When I first came to Cat Depot to volunteer, I was very impressed with the sturdy and spacious building, immaculate cleanliness, roomy pods for cats, and overall newness of it. I've volunteered at other animal shelters, and was excited to be a part of an animal welfare organization that had so many quality resources at its disposal.
I love all cats, but have a soft spot for recovering feral cats. I've learned with experience that patience and noninvasive interaction are essential for them to trust people. So I was surprised when I saw feral kittens caged in brightly lit, busy area. Shelley Thayer, the director, told me that the objective was to get them to sit in a lap as soon as possible; they would have to be sent to a feral colony if they couldn't 'turn' them in ten days. Tough love, the she called it. After being accosted with constant noise and interaction, the kittens would tolerate being held, but appeared untrusting of people. Some would take longer to be acclimate, and respond with fearful aggression to the volunteers trying to help.
I thought of my old shelter, when we volunteers helped a highly aggressive, frightened kitten become a loving, adoptable pet. We kept his space dark, read to him, offered small treats at the front of his kennel and played with toys where he could observe us. We didn't even try to pick him up or touch him- besides, he would have taken our faces off! When he learned that we would not invade his space, and did interesting things, he approached when he was ready- he actually climbed out of his kennel and into my lap, purring and kneading. :) We worked with him maybe a couple hours, for four or five days. Nothing special or time consuming.

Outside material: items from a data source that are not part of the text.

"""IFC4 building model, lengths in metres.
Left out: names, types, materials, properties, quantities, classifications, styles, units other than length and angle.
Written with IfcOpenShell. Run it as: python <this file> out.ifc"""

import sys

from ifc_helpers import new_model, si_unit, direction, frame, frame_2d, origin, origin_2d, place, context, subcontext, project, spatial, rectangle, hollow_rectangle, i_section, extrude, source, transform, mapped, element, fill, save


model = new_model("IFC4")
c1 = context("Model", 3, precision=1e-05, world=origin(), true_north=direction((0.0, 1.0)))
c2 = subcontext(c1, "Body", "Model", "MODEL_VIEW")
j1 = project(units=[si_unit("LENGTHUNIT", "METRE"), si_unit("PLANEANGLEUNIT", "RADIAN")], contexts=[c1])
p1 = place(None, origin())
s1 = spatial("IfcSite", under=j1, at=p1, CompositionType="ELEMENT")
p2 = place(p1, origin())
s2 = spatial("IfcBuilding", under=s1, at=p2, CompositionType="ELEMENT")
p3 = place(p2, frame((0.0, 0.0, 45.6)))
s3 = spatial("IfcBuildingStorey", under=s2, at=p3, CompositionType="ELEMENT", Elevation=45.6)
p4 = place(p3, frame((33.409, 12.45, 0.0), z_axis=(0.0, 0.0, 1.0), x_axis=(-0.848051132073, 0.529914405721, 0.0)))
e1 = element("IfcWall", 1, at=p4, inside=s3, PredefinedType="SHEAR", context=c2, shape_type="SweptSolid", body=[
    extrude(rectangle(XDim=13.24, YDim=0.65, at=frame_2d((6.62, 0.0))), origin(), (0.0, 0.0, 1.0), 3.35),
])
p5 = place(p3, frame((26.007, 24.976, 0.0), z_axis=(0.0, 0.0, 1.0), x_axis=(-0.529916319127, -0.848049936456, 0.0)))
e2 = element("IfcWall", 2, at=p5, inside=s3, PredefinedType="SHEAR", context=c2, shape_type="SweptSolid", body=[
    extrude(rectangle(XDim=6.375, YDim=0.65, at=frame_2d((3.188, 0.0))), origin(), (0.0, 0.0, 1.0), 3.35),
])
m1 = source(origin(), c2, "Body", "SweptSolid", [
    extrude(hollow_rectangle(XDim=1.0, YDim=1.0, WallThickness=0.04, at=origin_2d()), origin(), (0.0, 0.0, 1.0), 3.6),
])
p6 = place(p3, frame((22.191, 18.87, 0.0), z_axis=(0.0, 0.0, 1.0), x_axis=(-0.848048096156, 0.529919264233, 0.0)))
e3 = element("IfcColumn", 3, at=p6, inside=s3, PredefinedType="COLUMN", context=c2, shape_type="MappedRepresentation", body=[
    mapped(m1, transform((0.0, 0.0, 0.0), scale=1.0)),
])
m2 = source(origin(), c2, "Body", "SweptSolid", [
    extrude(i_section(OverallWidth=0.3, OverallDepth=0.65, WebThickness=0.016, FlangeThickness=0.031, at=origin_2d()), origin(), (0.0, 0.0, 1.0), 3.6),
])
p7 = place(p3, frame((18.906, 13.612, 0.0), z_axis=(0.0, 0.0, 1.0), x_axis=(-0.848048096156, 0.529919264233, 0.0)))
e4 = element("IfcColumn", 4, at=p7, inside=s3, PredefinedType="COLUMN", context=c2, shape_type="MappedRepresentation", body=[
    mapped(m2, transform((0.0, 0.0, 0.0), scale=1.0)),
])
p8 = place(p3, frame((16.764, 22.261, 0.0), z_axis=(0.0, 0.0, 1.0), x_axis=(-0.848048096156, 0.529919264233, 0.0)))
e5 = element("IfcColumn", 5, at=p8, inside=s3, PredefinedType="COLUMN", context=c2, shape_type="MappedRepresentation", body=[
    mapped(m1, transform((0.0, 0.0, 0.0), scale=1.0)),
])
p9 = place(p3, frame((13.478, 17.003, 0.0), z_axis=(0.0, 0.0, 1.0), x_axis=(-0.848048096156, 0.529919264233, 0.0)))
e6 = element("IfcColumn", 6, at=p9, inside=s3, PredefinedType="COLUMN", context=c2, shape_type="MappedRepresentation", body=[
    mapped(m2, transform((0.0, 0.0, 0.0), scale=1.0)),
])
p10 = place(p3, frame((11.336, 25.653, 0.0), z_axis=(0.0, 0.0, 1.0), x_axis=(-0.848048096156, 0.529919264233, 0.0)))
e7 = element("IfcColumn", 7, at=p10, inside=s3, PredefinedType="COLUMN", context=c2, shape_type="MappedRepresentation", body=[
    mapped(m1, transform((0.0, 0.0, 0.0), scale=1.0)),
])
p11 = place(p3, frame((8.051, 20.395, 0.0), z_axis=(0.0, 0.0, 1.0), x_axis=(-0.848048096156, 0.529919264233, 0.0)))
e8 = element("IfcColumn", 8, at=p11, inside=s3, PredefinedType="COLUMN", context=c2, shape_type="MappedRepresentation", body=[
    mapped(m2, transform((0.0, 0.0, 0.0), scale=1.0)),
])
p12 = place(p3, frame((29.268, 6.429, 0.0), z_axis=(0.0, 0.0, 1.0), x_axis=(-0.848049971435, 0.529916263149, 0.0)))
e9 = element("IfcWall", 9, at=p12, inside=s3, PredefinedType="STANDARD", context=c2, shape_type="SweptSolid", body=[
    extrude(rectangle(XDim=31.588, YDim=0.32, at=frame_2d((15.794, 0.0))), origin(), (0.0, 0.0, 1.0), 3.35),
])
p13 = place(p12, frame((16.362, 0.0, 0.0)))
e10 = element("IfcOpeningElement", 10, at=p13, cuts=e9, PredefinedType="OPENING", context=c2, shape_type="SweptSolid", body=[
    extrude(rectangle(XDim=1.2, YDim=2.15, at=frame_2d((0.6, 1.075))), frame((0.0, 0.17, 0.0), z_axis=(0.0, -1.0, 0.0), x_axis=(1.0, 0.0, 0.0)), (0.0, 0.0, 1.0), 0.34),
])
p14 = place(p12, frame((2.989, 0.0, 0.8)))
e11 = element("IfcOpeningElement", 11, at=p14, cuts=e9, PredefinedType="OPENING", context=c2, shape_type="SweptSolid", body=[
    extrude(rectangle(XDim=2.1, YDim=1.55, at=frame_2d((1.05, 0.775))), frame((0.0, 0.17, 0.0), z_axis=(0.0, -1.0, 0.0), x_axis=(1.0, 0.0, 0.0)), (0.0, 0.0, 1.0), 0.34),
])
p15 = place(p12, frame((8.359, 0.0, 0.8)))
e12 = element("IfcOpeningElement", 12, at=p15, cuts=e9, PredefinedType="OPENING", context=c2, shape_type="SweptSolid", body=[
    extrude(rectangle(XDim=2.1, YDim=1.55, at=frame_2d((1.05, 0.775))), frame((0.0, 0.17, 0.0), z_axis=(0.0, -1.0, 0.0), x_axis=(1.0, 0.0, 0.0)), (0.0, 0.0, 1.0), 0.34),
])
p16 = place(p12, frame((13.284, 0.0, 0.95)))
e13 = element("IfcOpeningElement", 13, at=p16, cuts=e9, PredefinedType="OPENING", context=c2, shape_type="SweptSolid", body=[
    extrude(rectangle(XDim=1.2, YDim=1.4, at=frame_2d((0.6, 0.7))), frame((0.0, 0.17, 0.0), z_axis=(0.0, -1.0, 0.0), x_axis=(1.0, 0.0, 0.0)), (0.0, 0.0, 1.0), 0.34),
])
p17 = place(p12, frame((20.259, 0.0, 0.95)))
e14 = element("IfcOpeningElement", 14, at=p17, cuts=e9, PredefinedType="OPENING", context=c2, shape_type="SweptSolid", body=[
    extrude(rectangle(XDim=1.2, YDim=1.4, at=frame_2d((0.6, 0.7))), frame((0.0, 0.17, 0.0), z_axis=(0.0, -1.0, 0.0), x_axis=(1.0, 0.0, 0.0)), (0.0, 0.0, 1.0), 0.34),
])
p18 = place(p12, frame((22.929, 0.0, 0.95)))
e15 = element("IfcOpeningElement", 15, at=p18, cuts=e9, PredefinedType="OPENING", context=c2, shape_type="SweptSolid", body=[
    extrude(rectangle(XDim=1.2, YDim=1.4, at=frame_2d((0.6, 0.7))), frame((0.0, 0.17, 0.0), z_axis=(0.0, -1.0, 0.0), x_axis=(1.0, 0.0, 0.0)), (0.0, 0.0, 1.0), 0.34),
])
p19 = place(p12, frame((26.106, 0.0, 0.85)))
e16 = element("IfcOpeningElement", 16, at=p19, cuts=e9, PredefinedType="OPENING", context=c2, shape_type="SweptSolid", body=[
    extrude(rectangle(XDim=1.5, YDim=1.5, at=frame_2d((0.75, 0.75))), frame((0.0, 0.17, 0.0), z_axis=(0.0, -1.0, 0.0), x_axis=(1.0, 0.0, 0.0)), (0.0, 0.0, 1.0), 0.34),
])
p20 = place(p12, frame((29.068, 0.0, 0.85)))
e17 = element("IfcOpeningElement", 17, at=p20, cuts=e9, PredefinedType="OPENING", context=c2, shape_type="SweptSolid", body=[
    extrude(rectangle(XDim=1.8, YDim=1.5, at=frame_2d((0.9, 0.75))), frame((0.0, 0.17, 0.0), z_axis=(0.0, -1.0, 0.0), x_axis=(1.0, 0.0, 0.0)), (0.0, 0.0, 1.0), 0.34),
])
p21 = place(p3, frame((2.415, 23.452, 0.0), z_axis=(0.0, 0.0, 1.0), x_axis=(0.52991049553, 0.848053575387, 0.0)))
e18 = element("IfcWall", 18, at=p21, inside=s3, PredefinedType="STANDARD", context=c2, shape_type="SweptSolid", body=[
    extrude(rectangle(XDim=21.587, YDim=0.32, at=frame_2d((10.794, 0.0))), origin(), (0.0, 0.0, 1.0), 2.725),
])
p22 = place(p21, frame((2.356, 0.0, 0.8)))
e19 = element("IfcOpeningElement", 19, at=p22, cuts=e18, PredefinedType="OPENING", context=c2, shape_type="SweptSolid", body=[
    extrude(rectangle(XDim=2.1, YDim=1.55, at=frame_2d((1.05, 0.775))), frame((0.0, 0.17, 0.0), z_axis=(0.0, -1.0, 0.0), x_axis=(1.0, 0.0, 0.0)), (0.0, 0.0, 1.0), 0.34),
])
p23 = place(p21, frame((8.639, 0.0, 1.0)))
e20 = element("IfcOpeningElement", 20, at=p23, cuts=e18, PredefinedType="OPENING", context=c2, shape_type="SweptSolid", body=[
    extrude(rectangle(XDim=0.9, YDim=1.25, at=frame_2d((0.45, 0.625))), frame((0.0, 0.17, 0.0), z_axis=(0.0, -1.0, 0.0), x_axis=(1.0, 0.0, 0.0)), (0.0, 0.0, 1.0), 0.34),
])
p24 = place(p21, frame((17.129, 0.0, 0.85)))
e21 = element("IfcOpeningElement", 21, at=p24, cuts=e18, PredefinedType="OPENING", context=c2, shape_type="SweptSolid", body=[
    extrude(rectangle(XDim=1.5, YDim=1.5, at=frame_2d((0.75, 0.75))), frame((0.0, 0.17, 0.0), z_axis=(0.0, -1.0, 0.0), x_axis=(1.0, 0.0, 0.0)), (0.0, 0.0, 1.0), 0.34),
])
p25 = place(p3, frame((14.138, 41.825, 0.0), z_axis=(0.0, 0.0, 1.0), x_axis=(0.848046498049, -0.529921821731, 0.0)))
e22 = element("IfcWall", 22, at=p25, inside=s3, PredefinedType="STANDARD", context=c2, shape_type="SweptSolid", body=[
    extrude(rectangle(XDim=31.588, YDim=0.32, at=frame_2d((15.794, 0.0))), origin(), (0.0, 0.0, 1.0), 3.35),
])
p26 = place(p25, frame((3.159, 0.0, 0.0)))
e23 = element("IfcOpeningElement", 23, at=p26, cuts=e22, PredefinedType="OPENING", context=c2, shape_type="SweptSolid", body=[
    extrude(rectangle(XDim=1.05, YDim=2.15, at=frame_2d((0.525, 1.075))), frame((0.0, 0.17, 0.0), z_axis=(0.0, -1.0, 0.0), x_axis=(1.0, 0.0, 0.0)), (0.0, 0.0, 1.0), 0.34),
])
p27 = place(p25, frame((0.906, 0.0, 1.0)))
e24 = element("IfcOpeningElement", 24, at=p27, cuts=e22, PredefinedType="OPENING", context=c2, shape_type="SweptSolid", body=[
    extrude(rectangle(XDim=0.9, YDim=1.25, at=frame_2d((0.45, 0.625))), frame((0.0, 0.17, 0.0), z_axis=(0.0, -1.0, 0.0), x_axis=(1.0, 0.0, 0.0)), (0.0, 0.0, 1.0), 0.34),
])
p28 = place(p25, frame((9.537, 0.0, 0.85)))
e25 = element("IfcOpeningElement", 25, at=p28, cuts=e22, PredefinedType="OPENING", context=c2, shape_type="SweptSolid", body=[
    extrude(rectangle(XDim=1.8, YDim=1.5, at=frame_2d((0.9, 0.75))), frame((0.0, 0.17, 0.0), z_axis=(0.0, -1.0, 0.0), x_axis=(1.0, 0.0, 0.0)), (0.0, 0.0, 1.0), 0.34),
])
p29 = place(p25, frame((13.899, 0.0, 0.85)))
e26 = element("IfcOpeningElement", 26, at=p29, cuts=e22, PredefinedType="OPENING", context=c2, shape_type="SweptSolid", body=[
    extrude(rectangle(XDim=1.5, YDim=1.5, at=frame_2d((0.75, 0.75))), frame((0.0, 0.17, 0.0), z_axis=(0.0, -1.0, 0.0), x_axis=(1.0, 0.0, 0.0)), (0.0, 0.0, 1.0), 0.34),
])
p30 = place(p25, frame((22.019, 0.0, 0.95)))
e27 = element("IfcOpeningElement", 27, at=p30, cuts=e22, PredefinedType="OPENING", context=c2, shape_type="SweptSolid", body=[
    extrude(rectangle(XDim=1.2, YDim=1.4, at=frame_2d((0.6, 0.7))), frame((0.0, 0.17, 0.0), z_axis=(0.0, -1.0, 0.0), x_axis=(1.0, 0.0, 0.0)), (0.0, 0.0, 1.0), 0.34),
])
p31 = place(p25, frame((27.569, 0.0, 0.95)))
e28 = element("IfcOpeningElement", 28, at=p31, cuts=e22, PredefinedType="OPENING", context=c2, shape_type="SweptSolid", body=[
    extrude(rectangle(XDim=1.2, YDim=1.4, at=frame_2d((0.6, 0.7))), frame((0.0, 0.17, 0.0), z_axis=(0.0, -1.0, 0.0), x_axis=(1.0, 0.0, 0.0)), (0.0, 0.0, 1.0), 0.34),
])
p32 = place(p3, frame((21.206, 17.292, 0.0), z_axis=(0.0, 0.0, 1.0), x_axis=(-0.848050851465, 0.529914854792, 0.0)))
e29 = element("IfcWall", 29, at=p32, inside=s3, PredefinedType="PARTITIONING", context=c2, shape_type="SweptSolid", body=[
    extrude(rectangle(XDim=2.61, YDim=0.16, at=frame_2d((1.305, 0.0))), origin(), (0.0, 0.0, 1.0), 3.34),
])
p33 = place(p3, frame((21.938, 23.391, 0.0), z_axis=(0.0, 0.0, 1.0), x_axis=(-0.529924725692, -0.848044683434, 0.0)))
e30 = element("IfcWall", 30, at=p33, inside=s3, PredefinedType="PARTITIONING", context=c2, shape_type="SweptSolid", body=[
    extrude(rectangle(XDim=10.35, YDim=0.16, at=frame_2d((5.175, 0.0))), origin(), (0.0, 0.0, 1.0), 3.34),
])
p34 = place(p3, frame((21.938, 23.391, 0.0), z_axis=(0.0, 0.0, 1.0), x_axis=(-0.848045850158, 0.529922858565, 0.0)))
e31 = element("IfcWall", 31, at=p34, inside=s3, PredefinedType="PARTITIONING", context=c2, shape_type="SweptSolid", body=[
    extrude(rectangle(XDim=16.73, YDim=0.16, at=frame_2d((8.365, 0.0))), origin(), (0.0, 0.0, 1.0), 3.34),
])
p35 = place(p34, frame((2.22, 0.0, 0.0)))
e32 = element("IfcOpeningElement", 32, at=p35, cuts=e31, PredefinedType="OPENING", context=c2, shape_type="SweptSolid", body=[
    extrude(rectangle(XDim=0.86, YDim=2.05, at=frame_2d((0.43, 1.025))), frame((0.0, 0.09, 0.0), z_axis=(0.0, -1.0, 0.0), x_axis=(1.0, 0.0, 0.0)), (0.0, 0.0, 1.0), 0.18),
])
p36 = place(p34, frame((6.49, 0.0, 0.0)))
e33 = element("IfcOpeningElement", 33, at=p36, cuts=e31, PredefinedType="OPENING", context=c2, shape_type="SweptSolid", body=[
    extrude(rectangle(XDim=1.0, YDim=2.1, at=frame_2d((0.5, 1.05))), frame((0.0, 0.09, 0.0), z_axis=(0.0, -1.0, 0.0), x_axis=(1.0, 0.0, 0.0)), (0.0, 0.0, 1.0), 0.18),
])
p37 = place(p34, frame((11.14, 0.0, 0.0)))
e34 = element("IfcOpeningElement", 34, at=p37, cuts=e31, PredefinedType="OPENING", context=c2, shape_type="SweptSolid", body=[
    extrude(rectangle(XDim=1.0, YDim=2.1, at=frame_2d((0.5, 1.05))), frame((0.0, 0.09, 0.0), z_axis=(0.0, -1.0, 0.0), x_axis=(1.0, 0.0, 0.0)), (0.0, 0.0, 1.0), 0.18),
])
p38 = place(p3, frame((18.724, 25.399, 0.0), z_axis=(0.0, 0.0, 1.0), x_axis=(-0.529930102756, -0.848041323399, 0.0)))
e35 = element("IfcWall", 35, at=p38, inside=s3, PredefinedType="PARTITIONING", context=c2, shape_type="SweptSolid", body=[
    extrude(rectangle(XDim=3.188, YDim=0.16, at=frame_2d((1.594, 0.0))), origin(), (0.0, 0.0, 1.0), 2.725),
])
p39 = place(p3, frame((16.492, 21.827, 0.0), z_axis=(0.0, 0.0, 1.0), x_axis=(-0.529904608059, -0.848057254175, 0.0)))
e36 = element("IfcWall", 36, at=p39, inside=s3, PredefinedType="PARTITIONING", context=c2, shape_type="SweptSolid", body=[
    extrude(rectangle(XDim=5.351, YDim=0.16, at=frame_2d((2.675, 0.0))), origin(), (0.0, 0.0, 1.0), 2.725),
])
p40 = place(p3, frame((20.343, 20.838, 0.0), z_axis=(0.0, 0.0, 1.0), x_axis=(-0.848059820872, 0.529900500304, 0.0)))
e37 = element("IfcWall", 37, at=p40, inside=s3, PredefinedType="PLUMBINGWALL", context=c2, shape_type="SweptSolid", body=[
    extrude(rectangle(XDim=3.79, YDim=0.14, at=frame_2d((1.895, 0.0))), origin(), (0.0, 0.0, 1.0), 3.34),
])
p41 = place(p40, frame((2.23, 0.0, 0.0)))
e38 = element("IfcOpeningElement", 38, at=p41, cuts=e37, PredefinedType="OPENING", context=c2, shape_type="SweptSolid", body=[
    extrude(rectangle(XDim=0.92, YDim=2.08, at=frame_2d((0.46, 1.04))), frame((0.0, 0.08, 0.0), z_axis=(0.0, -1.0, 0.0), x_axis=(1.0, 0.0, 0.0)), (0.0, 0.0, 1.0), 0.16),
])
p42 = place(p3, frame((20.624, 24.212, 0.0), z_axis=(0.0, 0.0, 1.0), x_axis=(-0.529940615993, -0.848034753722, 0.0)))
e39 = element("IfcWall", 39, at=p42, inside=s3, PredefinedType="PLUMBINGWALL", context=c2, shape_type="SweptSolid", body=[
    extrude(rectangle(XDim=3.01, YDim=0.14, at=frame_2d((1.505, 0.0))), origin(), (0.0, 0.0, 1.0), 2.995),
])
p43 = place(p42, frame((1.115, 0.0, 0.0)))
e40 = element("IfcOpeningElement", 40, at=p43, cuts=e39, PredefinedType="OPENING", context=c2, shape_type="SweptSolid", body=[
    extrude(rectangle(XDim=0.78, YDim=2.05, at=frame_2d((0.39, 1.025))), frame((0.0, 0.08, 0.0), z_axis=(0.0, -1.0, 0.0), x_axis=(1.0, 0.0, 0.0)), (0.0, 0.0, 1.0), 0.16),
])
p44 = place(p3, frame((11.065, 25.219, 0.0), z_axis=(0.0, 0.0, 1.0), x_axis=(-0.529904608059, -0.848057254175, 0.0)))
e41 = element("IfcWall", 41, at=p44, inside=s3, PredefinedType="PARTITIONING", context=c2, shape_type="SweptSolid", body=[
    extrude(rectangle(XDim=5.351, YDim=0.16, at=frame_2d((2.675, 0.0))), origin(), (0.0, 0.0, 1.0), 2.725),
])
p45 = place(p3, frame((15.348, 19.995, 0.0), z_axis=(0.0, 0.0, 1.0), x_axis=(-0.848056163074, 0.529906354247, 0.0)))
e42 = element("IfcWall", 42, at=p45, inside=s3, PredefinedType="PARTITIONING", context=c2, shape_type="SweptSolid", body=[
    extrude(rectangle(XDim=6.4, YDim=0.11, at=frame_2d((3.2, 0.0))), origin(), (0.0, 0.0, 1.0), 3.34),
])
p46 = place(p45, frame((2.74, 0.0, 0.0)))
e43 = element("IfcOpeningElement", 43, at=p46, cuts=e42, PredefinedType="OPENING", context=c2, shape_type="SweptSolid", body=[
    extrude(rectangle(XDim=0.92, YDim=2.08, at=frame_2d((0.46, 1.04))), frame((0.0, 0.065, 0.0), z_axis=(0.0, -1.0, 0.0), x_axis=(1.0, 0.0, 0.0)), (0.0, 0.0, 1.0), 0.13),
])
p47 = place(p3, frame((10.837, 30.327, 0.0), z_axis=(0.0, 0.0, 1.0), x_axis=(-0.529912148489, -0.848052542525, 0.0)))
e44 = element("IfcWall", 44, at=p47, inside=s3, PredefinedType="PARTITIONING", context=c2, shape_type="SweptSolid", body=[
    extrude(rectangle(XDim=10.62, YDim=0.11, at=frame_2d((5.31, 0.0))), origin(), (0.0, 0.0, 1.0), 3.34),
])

What concerned me even more than the sensory overload technique used on kittens, was the treatment of the recovering adult feral cats. They were basically warehoused, since they were not going to be transformed into lap cats. This floored me - any true cat person knows not all cats are lap cats! I was told they were probably going to be shipped off to feral colonies elsewhere. The employees who were familiar with these cats (who had been in their care for YEARS) were understandably too busy to help socialize them, and appreciated the few volunteers who cared enough to reach out to these shy cats. Many of them were sweet, with quirky personalities that a hard boiled cat person would appreciate, but the public was not allowed to go in and socialize with them.
Many of the habits that cat people instinctively understand were actively shunned and discouraged. The director threw a fit when I gave the cats a cardboard box to play in - she said it would make them regress into feral behavior again. Then she was furious when she saw me petting a cat in a sheltered fleece basket. This cat had been hissing and swatting because she was new to the pod, and nervous about the new cats around her; I found a place for her where she didn't have to look at other cats, and focused my attention on getting her calm. Shelley pulled the cat out of its safe place, dumped it on the floor, and said "See? That's better. I know you think these cats are special snowflakes, but they need to learn to be social."
The final straw for me was the grand opening; loud music was blasting throughout the shelter, making many cats nervous and scared. A lot of them hid in the only hiding place they had available: their litter boxes. What kind of an impression would this make on a person wanting to adopt a cat?
It's truly a shame that a place with such wonderful resources and potential is more concerned with PR than actual animal care. I understand that Ms. Thayer was in marketing before she was director. What she needs to realize is that cats are NOT a homogenized product to be packaged and sold. All cats are different, and anyone who appreciates cats knows this to be true.